Adicionalmente, a MatosinhosHabit pretende avançar com a reabilitação do parque habitacional municipal do concelho de Matosinhos, que irá “pautar-se por um trabalho de continuidade, executando a totalidade do investimento de 15 milhões de euros na reabilitação de vários conjuntos habitacionais”.  

Nesta operação, uma das principais inovações será a introdução de uma “importante melhoria do desempenho energético dos edifícios e das habitações”. “Serão desenvolvidos estudos para a construção de novas fases no Conjunto Habitacional de São Gens – Piscinas (Custóias) e da Cruz de Pau (Matosinhos)”, avança. 

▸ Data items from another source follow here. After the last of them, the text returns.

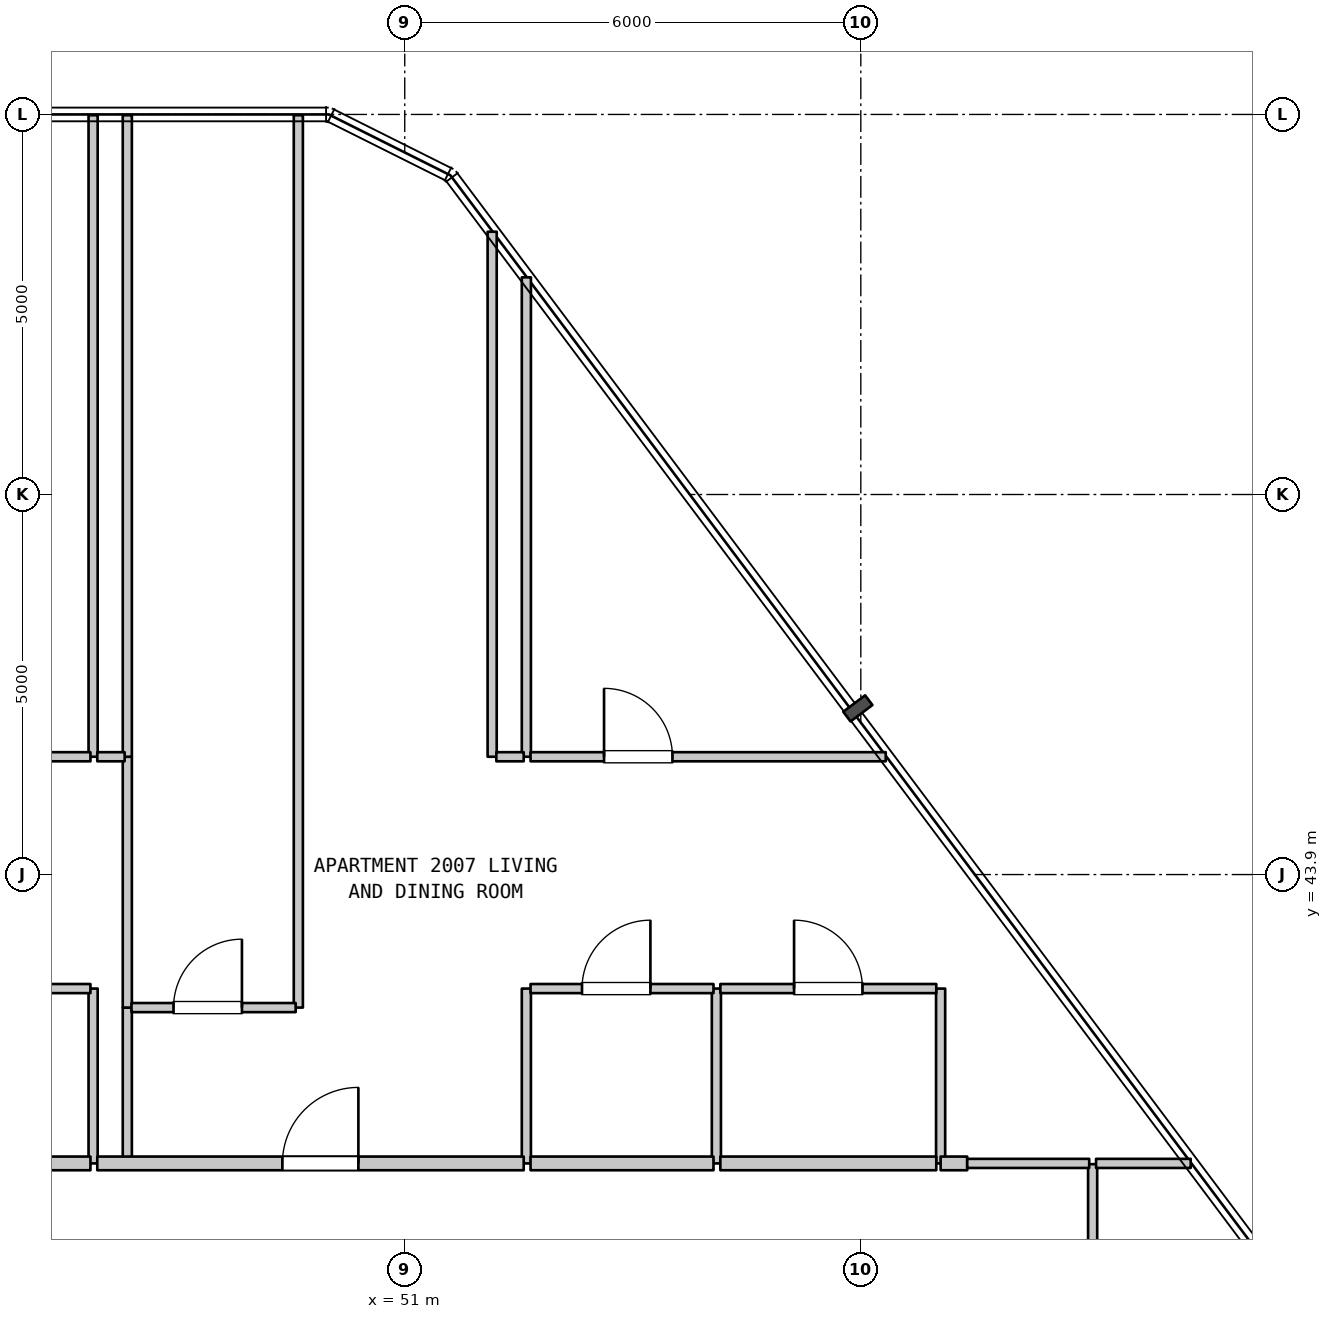
"""IFC4 building model, lengths in metres.
Left out: names, types, materials, properties, quantities, classifications, styles, units other than length and angle.
Written with IfcOpenShell. Run it as: python <this file> out.ifc"""

import sys

from ifc_helpers import new_model, si_unit, direction, frame, frame_2d, origin, place, context, subcontext, project, spatial, rectangle, extrude, element, fill, save


model = new_model("IFC4")
c1 = context("Model", 3, precision=1e-05, world=origin(), true_north=direction((0.0, 1.0)))
c2 = subcontext(c1, "Body", "Model", "MODEL_VIEW")
j1 = project(units=[si_unit("LENGTHUNIT", "METRE"), si_unit("PLANEANGLEUNIT", "RADIAN")], contexts=[c1])
p1 = place(None, origin())
s1 = spatial("IfcSite", under=j1, at=p1, CompositionType="ELEMENT")
p2 = place(p1, origin())
s2 = spatial("IfcBuilding", under=s1, at=p2, CompositionType="ELEMENT")
p3 = place(p2, frame((0.0, 0.0, 86.4)))
s3 = spatial("IfcBuildingStorey", under=s2, at=p3, CompositionType="ELEMENT", Elevation=86.4)
p4 = place(p3, frame((46.9, 40.1, 0.0), z_axis=(0.0, 0.0, 1.0), x_axis=(0.0, 1.0, 0.0)))
e1 = element("IfcWall", 1, at=p4, inside=s3, PredefinedType="PARTITIONING", context=c2, shape_type="SweptSolid", body=[
    extrude(rectangle(XDim=2.3, YDim=0.12, at=frame_2d((1.15, 0.0))), origin(), (0.0, 0.0, 1.0), 4.185),
])
p5 = place(p3, frame((46.9, 45.45, 0.0), z_axis=(0.0, 0.0, 1.0), x_axis=(0.0, 1.0, 0.0)))
e2 = element("IfcWall", 2, at=p5, inside=s3, PredefinedType="PARTITIONING", context=c2, shape_type="SweptSolid", body=[
    extrude(rectangle(XDim=8.44, YDim=0.12, at=frame_2d((4.22, 0.0))), origin(), (0.0, 0.0, 1.0), 4.185),
])
p6 = place(p3, frame((47.35, 40.1, 0.0), z_axis=(0.0, 0.0, 1.0), x_axis=(0.0, 1.0, 0.0)))
e3 = element("IfcWall", 3, at=p6, inside=s3, PredefinedType="PARTITIONING", context=c2, shape_type="SweptSolid", body=[
    extrude(rectangle(XDim=2.05, YDim=0.12, at=frame_2d((1.025, 0.0))), origin(), (0.0, 0.0, 1.0), 4.185),
])
p7 = place(p3, frame((47.35, 42.15, 0.0), z_axis=(0.0, 0.0, 1.0), x_axis=(0.0, 1.0, 0.0)))
e4 = element("IfcWall", 4, at=p7, inside=s3, PredefinedType="PARTITIONING", context=c2, shape_type="SweptSolid", body=[
    extrude(rectangle(XDim=3.3, YDim=0.12, at=frame_2d((1.65, 0.0))), origin(), (0.0, 0.0, 1.0), 4.185),
])
p8 = place(p3, frame((47.35, 45.45, 0.0), z_axis=(0.0, 0.0, 1.0), x_axis=(0.0, 1.0, 0.0)))
e5 = element("IfcWall", 5, at=p8, inside=s3, PredefinedType="PARTITIONING", context=c2, shape_type="SweptSolid", body=[
    extrude(rectangle(XDim=8.44, YDim=0.12, at=frame_2d((4.22, 0.0))), origin(), (0.0, 0.0, 1.0), 4.185),
])
p9 = place(p3, frame((49.6, 42.15, 0.0), z_axis=(0.0, 0.0, 1.0), x_axis=(0.0, 1.0, 0.0)))
e6 = element("IfcWall", 6, at=p9, inside=s3, PredefinedType="PARTITIONING", context=c2, shape_type="SweptSolid", body=[
    extrude(rectangle(XDim=11.74, YDim=0.12, at=frame_2d((5.87, 0.0))), origin(), (0.0, 0.0, 1.0), 4.185),
])
p10 = place(p3, frame((52.15, 45.45, 0.0), z_axis=(0.0, 0.0, 1.0), x_axis=(0.0, 1.0, 0.0)))
e7 = element("IfcWall", 7, at=p10, inside=s3, PredefinedType="PARTITIONING", context=c2, shape_type="SweptSolid", body=[
    extrude(rectangle(XDim=6.907, YDim=0.12, at=frame_2d((3.454, 0.0))), origin(), (0.0, 0.0, 1.0), 4.185),
])
p11 = place(p3, frame((52.6, 40.1, 0.0), z_axis=(0.0, 0.0, 1.0), x_axis=(0.0, 1.0, 0.0)))
e8 = element("IfcWall", 8, at=p11, inside=s3, PredefinedType="PARTITIONING", context=c2, shape_type="SweptSolid", body=[
    extrude(rectangle(XDim=2.3, YDim=0.12, at=frame_2d((1.15, 0.0))), origin(), (0.0, 0.0, 1.0), 4.185),
])
p12 = place(p3, frame((52.6, 45.45, 0.0), z_axis=(0.0, 0.0, 1.0), x_axis=(0.0, 1.0, 0.0)))
e9 = element("IfcWall", 9, at=p12, inside=s3, PredefinedType="PARTITIONING", context=c2, shape_type="SweptSolid", body=[
    extrude(rectangle(XDim=6.307, YDim=0.12, at=frame_2d((3.154, 0.0))), origin(), (0.0, 0.0, 1.0), 4.185),
])
for number, where, z_axis, x_axis in (
    (10, (55.1, 40.1, 0.0), (0.0, 0.0, 1.0), (0.0, 1.0, 0.0)),
    (11, (58.05, 40.1, 0.0), (0.0, 0.0, 1.0), (0.0, 1.0, 0.0)),
):
    element("IfcWall", number, at=place(p3, frame(where, z_axis=z_axis, x_axis=x_axis)), inside=s3, PredefinedType="PARTITIONING", context=c2, shape_type="SweptSolid", body=[
        extrude(rectangle(XDim=2.3, YDim=0.12, at=frame_2d((1.15, 0.0))), origin(), (0.0, 0.0, 1.0), 4.185),
    ])
p13 = place(p3, frame((60.05, 37.89, 0.0), z_axis=(0.0, 0.0, 1.0), x_axis=(0.0, 1.0, 0.0)))
e12 = element("IfcWall", 12, at=p13, inside=s3, PredefinedType="PARTITIONING", context=c2, shape_type="SweptSolid", body=[
    extrude(rectangle(XDim=2.2, YDim=0.12, at=frame_2d((1.1, 0.0))), origin(), (0.0, 0.0, 1.0), 4.185),
])
p14 = place(p3, frame((43.888, 40.1, 0.0), z_axis=(0.0, 0.0, 1.0), x_axis=(1.0, 0.0, 0.0)))
e13 = element("IfcWall", 13, at=p14, inside=s3, PredefinedType="STANDARD", context=c2, shape_type="SweptSolid", body=[
    extrude(rectangle(XDim=2.977, YDim=0.18, at=frame_2d((1.489, 0.0))), origin(), (0.0, 0.0, 1.0), 4.185),
])
p15 = place(p3, frame((46.955, 40.1, 0.0), z_axis=(0.0, 0.0, 1.0), x_axis=(1.0, 0.0, 0.0)))
e14 = element("IfcWall", 14, at=p15, inside=s3, PredefinedType="STANDARD", context=c2, shape_type="SweptSolid", body=[
    extrude(rectangle(XDim=5.61, YDim=0.18, at=frame_2d((2.805, 0.0))), origin(), (0.0, 0.0, 1.0), 4.185),
])
p16 = place(p15, frame((2.435, 0.0, 0.0)))
e15 = element("IfcOpeningElement", 15, at=p16, cuts=e14, PredefinedType="OPENING", context=c2, shape_type="SweptSolid", body=[
    extrude(rectangle(XDim=1.0, YDim=2.15, at=frame_2d((0.5, 1.075))), frame((0.0, 0.1, 0.0), z_axis=(0.0, -1.0, 0.0), x_axis=(1.0, 0.0, 0.0)), (0.0, 0.0, 1.0), 0.2),
])
p17 = place(p3, frame((52.655, 40.1, 0.0), z_axis=(0.0, 0.0, 1.0), x_axis=(1.0, 0.0, 0.0)))
e16 = element("IfcWall", 16, at=p17, inside=s3, PredefinedType="STANDARD", context=c2, shape_type="SweptSolid", body=[
    extrude(rectangle(XDim=2.407, YDim=0.18, at=frame_2d((1.204, 0.0))), origin(), (0.0, 0.0, 1.0), 4.185),
])
p18 = place(p3, frame((55.152, 40.1, 0.0), z_axis=(0.0, 0.0, 1.0), x_axis=(1.0, 0.0, 0.0)))
e17 = element("IfcWall", 17, at=p18, inside=s3, PredefinedType="STANDARD", context=c2, shape_type="SweptSolid", body=[
    extrude(rectangle(XDim=2.841, YDim=0.18, at=frame_2d((1.42, 0.0))), origin(), (0.0, 0.0, 1.0), 4.185),
])
p19 = place(p3, frame((58.05, 40.1, 0.0), z_axis=(0.0, 0.0, 1.0), x_axis=(1.0, 0.0, 0.0)))
e18 = element("IfcWall", 18, at=p19, inside=s3, PredefinedType="STANDARD", context=c2, shape_type="SweptSolid", body=[
    extrude(rectangle(XDim=0.35, YDim=0.18, at=frame_2d((0.175, 0.0))), origin(), (0.0, 0.0, 1.0), 4.185),
])
p20 = place(p3, frame((58.4, 40.1, 0.0), z_axis=(0.0, 0.0, 1.0), x_axis=(1.0, 0.0, 0.0)))
e19 = element("IfcWall", 19, at=p20, inside=s3, PredefinedType="PARTITIONING", context=c2, shape_type="SweptSolid", body=[
    extrude(rectangle(XDim=1.605, YDim=0.12, at=frame_2d((0.802, 0.0))), origin(), (0.0, 0.0, 1.0), 4.185),
])
p21 = place(p3, frame((60.095, 40.1, 0.0), z_axis=(0.0, 0.0, 1.0), x_axis=(1.0, 0.0, 0.0)))
e20 = element("IfcWall", 20, at=p21, inside=s3, PredefinedType="PARTITIONING", context=c2, shape_type="SweptSolid", body=[
    extrude(rectangle(XDim=1.245, YDim=0.12, at=frame_2d((0.623, 0.0))), origin(), (0.0, 0.0, 1.0), 4.185),
])
p22 = place(p3, frame((47.405, 42.15, 0.0), z_axis=(0.0, 0.0, 1.0), x_axis=(1.0, 0.0, 0.0)))
e21 = element("IfcWall", 21, at=p22, inside=s3, PredefinedType="PARTITIONING", context=c2, shape_type="SweptSolid", body=[
    extrude(rectangle(XDim=2.16, YDim=0.12, at=frame_2d((1.08, 0.0))), origin(), (0.0, 0.0, 1.0), 4.185),
])
p23 = place(p22, frame((0.553, 0.0, 0.0)))
e22 = element("IfcOpeningElement", 22, at=p23, cuts=e21, PredefinedType="OPENING", context=c2, shape_type="SweptSolid", body=[
    extrude(rectangle(XDim=0.9, YDim=2.15, at=frame_2d((0.45, 1.075))), frame((0.0, 0.07, 0.0), z_axis=(0.0, -1.0, 0.0), x_axis=(1.0, 0.0, 0.0)), (0.0, 0.0, 1.0), 0.14),
])
p24 = place(p3, frame((43.888, 42.4, 0.0), z_axis=(0.0, 0.0, 1.0), x_axis=(1.0, 0.0, 0.0)))
e23 = element("IfcWall", 23, at=p24, inside=s3, PredefinedType="PARTITIONING", context=c2, shape_type="SweptSolid", body=[
    extrude(rectangle(XDim=2.977, YDim=0.12, at=frame_2d((1.489, 0.0))), origin(), (0.0, 0.0, 1.0), 4.185),
])
p25 = place(p24, frame((0.964, 0.0, 0.0)))
e24 = element("IfcOpeningElement", 24, at=p25, cuts=e23, PredefinedType="OPENING", context=c2, shape_type="SweptSolid", body=[
    extrude(rectangle(XDim=0.9, YDim=2.15, at=frame_2d((0.45, 1.075))), frame((0.0, 0.07, 0.0), z_axis=(0.0, -1.0, 0.0), x_axis=(1.0, 0.0, 0.0)), (0.0, 0.0, 1.0), 0.14),
])
p26 = place(p3, frame((52.655, 42.4, 0.0), z_axis=(0.0, 0.0, 1.0), x_axis=(1.0, 0.0, 0.0)))
e25 = element("IfcWall", 25, at=p26, inside=s3, PredefinedType="PARTITIONING", context=c2, shape_type="SweptSolid", body=[
    extrude(rectangle(XDim=2.407, YDim=0.12, at=frame_2d((1.204, 0.0))), origin(), (0.0, 0.0, 1.0), 4.185),
])
p27 = place(p26, frame((0.677, 0.0, 0.0)))
e26 = element("IfcOpeningElement", 26, at=p27, cuts=e25, PredefinedType="OPENING", context=c2, shape_type="SweptSolid", body=[
    extrude(rectangle(XDim=0.9, YDim=2.15, at=frame_2d((0.45, 1.075))), frame((0.0, 0.07, 0.0), z_axis=(0.0, -1.0, 0.0), x_axis=(1.0, 0.0, 0.0)), (0.0, 0.0, 1.0), 0.14),
])
p28 = place(p3, frame((55.152, 42.4, 0.0), z_axis=(0.0, 0.0, 1.0), x_axis=(1.0, 0.0, 0.0)))
e27 = element("IfcWall", 27, at=p28, inside=s3, PredefinedType="PARTITIONING", context=c2, shape_type="SweptSolid", body=[
    extrude(rectangle(XDim=2.841, YDim=0.12, at=frame_2d((1.42, 0.0))), origin(), (0.0, 0.0, 1.0), 4.185),
])
p29 = place(p28, frame((0.97, 0.0, 0.0)))
e28 = element("IfcOpeningElement", 28, at=p29, cuts=e27, PredefinedType="OPENING", context=c2, shape_type="SweptSolid", body=[
    extrude(rectangle(XDim=0.9, YDim=2.1, at=frame_2d((0.45, 1.05))), frame((0.0, 0.07, 0.0), z_axis=(0.0, -1.0, 0.0), x_axis=(1.0, 0.0, 0.0)), (0.0, 0.0, 1.0), 0.14),
])
p30 = place(p3, frame((38.755, 45.45, 0.0), z_axis=(0.0, 0.0, 1.0), x_axis=(1.0, 0.0, 0.0)))
e29 = element("IfcWall", 29, at=p30, inside=s3, PredefinedType="PARTITIONING", context=c2, shape_type="SweptSolid", body=[
    extrude(rectangle(XDim=8.11, YDim=0.12, at=frame_2d((4.055, 0.0))), origin(), (0.0, 0.0, 1.0), 4.185),
])
p31 = place(p30, frame((0.975, 0.0, 0.0)))
e30 = element("IfcOpeningElement", 30, at=p31, cuts=e29, PredefinedType="OPENING", context=c2, shape_type="SweptSolid", body=[
    extrude(rectangle(XDim=0.9, YDim=2.15, at=frame_2d((0.45, 1.075))), frame((0.0, 0.07, 0.0), z_axis=(0.0, -1.0, 0.0), x_axis=(1.0, 0.0, 0.0)), (0.0, 0.0, 1.0), 0.14),
])
p32 = place(p30, frame((3.531, 0.0, 0.0)))
e31 = element("IfcOpeningElement", 31, at=p32, cuts=e29, PredefinedType="OPENING", context=c2, shape_type="SweptSolid", body=[
    extrude(rectangle(XDim=0.9, YDim=2.15, at=frame_2d((0.45, 1.075))), frame((0.0, 0.07, 0.0), z_axis=(0.0, -1.0, 0.0), x_axis=(1.0, 0.0, 0.0)), (0.0, 0.0, 1.0), 0.14),
])
p33 = place(p30, frame((6.092, 0.0, 0.0)))
e32 = element("IfcOpeningElement", 32, at=p33, cuts=e29, PredefinedType="OPENING", context=c2, shape_type="SweptSolid", body=[
    extrude(rectangle(XDim=0.9, YDim=2.15, at=frame_2d((0.45, 1.075))), frame((0.0, 0.07, 0.0), z_axis=(0.0, -1.0, 0.0), x_axis=(1.0, 0.0, 0.0)), (0.0, 0.0, 1.0), 0.14),
])
for number, where, z_axis, x_axis in (
    (33, (46.955, 45.45, 0.0), (0.0, 0.0, 1.0), (1.0, 0.0, 0.0)),
    (34, (52.205, 45.45, 0.0), (0.0, 0.0, 1.0), (1.0, 0.0, 0.0)),
):
    element("IfcWall", number, at=place(p3, frame(where, z_axis=z_axis, x_axis=x_axis)), inside=s3, PredefinedType="PARTITIONING", context=c2, shape_type="SweptSolid", body=[
        extrude(rectangle(XDim=0.36, YDim=0.12, at=frame_2d((0.18, 0.0))), origin(), (0.0, 0.0, 1.0), 4.185),
    ])
p34 = place(p3, frame((52.655, 45.45, 0.0), z_axis=(0.0, 0.0, 1.0), x_axis=(1.0, 0.0, 0.0)))
e35 = element("IfcWall", 35, at=p34, inside=s3, PredefinedType="PARTITIONING", context=c2, shape_type="SweptSolid", body=[
    extrude(rectangle(XDim=4.673, YDim=0.12, at=frame_2d((2.336, 0.0))), origin(), (0.0, 0.0, 1.0), 4.185),
])
p35 = place(p34, frame((0.967, 0.0, 0.0)))
e36 = element("IfcOpeningElement", 36, at=p35, cuts=e35, PredefinedType="OPENING", context=c2, shape_type="SweptSolid", body=[
    extrude(rectangle(XDim=0.9, YDim=2.15, at=frame_2d((0.45, 1.075))), frame((0.0, 0.07, 0.0), z_axis=(0.0, -1.0, 0.0), x_axis=(1.0, 0.0, 0.0)), (0.0, 0.0, 1.0), 0.14),
])
p36 = place(p16, origin())
e37 = element("IfcDoor", 37, at=p36, inside=s3, OperationType="SINGLE_SWING_RIGHT", PredefinedType="DOOR", context=c2, shape_type="SweptSolid", body=[
    extrude(rectangle(XDim=1.0, YDim=2.15, at=frame_2d((0.5, 1.075))), frame((0.0, 0.025, 0.0), z_axis=(0.0, -1.0, 0.0), x_axis=(1.0, 0.0, 0.0)), (0.0, 0.0, 1.0), 0.05),
])
fill(e15, e37)
p37 = place(p23, origin())
e38 = element("IfcDoor", 38, at=p37, inside=s3, OperationType="SINGLE_SWING_RIGHT", PredefinedType="DOOR", context=c2, shape_type="SweptSolid", body=[
    extrude(rectangle(XDim=0.9, YDim=2.15, at=frame_2d((0.45, 1.075))), frame((0.0, 0.025, 0.0), z_axis=(0.0, -1.0, 0.0), x_axis=(1.0, 0.0, 0.0)), (0.0, 0.0, 1.0), 0.05),
])
fill(e22, e38)
p38 = place(p27, origin())
e39 = element("IfcDoor", 39, at=p38, inside=s3, OperationType="SINGLE_SWING_RIGHT", PredefinedType="DOOR", context=c2, shape_type="SweptSolid", body=[
    extrude(rectangle(XDim=0.9, YDim=2.15, at=frame_2d((0.45, 1.075))), frame((0.0, 0.025, 0.0), z_axis=(0.0, -1.0, 0.0), x_axis=(1.0, 0.0, 0.0)), (0.0, 0.0, 1.0), 0.05),
])
fill(e26, e39)
p39 = place(p29, origin())
e40 = element("IfcDoor", 40, at=p39, inside=s3, OperationType="SINGLE_SWING_LEFT", PredefinedType="DOOR", context=c2, shape_type="SweptSolid", body=[
    extrude(rectangle(XDim=0.9, YDim=2.1, at=frame_2d((0.45, 1.05))), frame((0.0, 0.025, 0.0), z_axis=(0.0, -1.0, 0.0), x_axis=(1.0, 0.0, 0.0)), (0.0, 0.0, 1.0), 0.05),
])
fill(e28, e40)
p40 = place(p35, origin())
e41 = element("IfcDoor", 41, at=p40, inside=s3, OperationType="SINGLE_SWING_LEFT", PredefinedType="DOOR", context=c2, shape_type="SweptSolid", body=[
    extrude(rectangle(XDim=0.9, YDim=2.15, at=frame_2d((0.45, 1.075))), frame((0.0, 0.025, 0.0), z_axis=(0.0, -1.0, 0.0), x_axis=(1.0, 0.0, 0.0)), (0.0, 0.0, 1.0), 0.05),
])
fill(e36, e41)
save(model, sys.argv[1])

De acordo com a MatosinhosHabit, está também prevista para 2021 a criação de sete novas Áreas de Reabilitação Urbana (ARU) – Lavra, Custóias, Senhora da Hora, Perafita, Santa Cruz do Bispo, Guifões e Leça do Balio -, num total de 11. 

“Afigurando-se como um importante instrumento de gestão territorial para a revitalização da área e potencial motor de economia, as novas ARU promoverão igualmente a melhoria da qualidade de vida, atuando como fator de atratividade e forma de acesso a apoios e incentivos, específicos para imóveis e/ou frações localizados nestas zonas”, conclui o comunicado divulgado.